Mesomorph Games: Winner's choice of one Mesomorph Games product.
Enginuity Games: A copy of their Spicy Dice game system. Incidentally, Enginuity is currently running the second Spicy Dice game design contest with a deadline of 30 June 2008 and a prize of $1000 plus publication in the next Spicy Dice rulebook.
Live Oak Games: A copy of their SiegeStones game system. Live Oak recently ran their own game design contest for SiegeStones.
Winged Elephant Designs: Winner's choice of one Winged Elephant Designs gamer's T-shirt or other item, customised with a message about the Good Portsmanship contest. WED may have some new piecepack designs soon to choose from as well.
Ron Hale-Evans: A Good Portsmanship certificate suitable for framing or pinning to the wall
Piecepack.org: Custody of the Piecepack Trophy Cloth, a card table tablecloth with a color piecepack suit emblem embroidered on each side. The Trophy Cloth passes from the winner of one contest to the winner of the next, with each signing and dating the cloth before passing it on at the close of the next competition.
The winner also receives the opportunity to define and judge the next piecepack game design competition and arrange for the prizes. However, agreement to this is not a requirement for entry, and the winner may decline or suggest another judge.

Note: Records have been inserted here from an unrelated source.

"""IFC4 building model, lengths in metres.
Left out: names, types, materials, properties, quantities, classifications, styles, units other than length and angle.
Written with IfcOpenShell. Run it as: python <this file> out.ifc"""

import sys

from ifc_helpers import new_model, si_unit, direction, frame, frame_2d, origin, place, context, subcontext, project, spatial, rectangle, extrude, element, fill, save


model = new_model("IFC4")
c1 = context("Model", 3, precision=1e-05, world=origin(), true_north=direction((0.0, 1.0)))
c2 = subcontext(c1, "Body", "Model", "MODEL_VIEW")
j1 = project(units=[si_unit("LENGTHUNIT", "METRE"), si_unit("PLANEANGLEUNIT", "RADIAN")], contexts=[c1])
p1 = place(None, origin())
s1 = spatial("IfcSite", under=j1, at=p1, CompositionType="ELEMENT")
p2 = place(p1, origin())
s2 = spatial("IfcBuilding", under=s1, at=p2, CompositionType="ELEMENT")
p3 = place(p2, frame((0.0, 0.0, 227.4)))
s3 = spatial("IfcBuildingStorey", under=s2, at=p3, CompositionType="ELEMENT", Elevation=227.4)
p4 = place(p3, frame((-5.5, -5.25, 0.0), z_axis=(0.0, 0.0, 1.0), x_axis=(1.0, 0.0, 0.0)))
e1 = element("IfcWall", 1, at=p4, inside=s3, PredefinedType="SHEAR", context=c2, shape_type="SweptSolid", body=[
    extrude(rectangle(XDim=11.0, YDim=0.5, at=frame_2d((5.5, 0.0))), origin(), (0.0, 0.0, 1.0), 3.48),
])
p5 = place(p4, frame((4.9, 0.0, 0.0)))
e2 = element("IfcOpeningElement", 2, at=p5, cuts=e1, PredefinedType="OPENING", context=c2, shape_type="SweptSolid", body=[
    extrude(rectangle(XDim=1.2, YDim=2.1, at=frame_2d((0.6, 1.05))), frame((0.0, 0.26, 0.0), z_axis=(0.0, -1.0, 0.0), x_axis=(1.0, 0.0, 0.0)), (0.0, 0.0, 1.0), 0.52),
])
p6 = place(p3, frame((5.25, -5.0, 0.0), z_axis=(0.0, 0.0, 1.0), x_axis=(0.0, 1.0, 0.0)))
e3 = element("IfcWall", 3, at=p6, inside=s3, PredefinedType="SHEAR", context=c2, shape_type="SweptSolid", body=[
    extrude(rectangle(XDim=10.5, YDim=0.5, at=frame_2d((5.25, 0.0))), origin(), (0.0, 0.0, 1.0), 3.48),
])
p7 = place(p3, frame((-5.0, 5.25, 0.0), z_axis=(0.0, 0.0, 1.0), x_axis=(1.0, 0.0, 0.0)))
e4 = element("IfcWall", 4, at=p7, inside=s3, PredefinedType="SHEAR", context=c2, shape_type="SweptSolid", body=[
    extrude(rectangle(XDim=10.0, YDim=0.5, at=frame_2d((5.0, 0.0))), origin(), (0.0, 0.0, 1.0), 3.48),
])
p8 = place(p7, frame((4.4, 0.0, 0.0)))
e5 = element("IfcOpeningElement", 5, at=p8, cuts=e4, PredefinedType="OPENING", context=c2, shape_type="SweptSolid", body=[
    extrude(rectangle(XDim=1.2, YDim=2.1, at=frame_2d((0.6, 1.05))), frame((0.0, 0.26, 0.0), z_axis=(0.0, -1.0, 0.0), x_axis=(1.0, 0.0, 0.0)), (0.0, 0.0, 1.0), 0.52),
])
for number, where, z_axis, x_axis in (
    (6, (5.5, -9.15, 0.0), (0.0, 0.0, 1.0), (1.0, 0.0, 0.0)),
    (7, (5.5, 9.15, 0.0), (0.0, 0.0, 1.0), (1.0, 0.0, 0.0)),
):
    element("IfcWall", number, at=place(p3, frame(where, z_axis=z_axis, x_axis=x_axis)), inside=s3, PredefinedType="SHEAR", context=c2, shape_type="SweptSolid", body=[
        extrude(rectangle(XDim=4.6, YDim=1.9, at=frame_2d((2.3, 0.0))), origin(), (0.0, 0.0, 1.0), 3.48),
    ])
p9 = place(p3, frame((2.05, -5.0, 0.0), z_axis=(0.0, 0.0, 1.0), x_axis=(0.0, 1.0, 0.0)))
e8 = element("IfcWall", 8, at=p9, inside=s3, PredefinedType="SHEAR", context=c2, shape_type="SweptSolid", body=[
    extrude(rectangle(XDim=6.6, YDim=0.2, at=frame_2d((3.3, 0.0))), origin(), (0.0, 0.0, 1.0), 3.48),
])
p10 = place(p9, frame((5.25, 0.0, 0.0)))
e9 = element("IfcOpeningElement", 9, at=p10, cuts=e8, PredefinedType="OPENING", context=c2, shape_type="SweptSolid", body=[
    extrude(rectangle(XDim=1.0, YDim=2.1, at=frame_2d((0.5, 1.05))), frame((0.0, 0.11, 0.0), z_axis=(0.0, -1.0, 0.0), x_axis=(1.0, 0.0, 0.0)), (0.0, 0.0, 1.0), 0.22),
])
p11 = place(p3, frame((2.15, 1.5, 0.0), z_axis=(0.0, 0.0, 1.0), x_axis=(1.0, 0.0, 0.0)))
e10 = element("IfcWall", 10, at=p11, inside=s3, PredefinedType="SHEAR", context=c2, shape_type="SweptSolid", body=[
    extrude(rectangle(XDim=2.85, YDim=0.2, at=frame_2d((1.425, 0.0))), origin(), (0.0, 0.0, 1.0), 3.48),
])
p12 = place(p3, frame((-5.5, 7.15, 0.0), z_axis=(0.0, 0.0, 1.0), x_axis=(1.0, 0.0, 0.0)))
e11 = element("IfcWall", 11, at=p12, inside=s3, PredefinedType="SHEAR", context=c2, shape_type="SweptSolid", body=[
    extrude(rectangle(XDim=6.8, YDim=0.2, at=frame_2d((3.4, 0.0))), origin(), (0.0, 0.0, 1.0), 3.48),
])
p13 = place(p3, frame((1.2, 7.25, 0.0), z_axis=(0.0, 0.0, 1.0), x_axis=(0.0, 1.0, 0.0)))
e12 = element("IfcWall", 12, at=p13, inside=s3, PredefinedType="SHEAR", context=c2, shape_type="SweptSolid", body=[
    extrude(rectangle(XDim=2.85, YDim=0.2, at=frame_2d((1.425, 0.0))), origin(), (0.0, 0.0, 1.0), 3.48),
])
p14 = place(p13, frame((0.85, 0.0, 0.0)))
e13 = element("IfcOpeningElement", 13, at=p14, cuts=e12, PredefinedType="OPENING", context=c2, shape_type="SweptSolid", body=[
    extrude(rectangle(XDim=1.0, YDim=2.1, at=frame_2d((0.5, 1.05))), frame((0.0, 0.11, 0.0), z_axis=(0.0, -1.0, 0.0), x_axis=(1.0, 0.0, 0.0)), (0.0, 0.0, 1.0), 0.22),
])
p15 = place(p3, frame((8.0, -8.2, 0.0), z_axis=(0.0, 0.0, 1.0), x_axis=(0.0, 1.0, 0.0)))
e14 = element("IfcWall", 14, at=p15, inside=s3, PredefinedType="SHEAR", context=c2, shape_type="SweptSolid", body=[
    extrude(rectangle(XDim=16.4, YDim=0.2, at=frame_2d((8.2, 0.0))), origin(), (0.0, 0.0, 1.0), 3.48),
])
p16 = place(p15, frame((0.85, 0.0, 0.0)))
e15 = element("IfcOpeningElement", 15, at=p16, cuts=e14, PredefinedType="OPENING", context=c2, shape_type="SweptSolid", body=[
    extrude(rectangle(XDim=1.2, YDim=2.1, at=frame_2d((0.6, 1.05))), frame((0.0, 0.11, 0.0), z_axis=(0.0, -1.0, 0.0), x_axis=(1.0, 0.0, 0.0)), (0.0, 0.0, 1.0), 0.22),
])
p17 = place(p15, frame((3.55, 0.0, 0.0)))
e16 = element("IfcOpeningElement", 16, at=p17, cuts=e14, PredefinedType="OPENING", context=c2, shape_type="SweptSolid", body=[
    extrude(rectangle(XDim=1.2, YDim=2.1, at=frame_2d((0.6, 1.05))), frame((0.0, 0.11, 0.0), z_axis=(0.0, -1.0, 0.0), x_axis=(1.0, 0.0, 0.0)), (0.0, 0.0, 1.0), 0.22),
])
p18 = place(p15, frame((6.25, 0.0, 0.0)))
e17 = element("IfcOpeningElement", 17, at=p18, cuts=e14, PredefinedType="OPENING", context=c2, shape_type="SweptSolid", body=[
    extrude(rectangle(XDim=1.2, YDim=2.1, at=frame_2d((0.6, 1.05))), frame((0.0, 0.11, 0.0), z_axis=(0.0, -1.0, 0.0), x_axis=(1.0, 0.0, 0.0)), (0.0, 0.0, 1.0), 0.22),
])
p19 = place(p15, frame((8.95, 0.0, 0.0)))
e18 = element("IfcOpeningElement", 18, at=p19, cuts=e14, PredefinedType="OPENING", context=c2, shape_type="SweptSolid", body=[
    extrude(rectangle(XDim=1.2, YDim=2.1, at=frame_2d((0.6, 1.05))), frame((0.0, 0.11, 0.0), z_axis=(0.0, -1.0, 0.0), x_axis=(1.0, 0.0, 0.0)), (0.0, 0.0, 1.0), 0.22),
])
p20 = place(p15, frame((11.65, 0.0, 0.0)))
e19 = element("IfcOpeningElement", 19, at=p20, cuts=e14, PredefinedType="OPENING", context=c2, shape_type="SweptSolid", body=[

The following rules are for the legal protection of the authors, the piecepack community, and me. Basically, if it's legal, it's OK to enter in the contest.
You may port a copyrighted game, but not a patented one. Copyright covers only the expression of a game, such as the graphical artwork, the text of the rules, and so on. Patents cover the idea behind a game, so porting a patented game is illegal, because the idea would stay the same.
If you port a copyrighted game, you must completely rewrite the rules in your own words. The original text of the rules is covered by the copyright, so it is illegal to copy it and simply change a few words to apply to the piecepack (besides, that wouldn't be a very good port).
If porting proprietary games makes you uncomfortable, feel free to port a traditional game from the public domain. No preference will be given to ports of proprietary games over ports of public domain ones, or vice versa. Example: All else being equal, a port of Carcassonne will not be preferred to a port of Chess.
Here is an example of what I would consider a good port, and how you can do creative game design while porting an existing game.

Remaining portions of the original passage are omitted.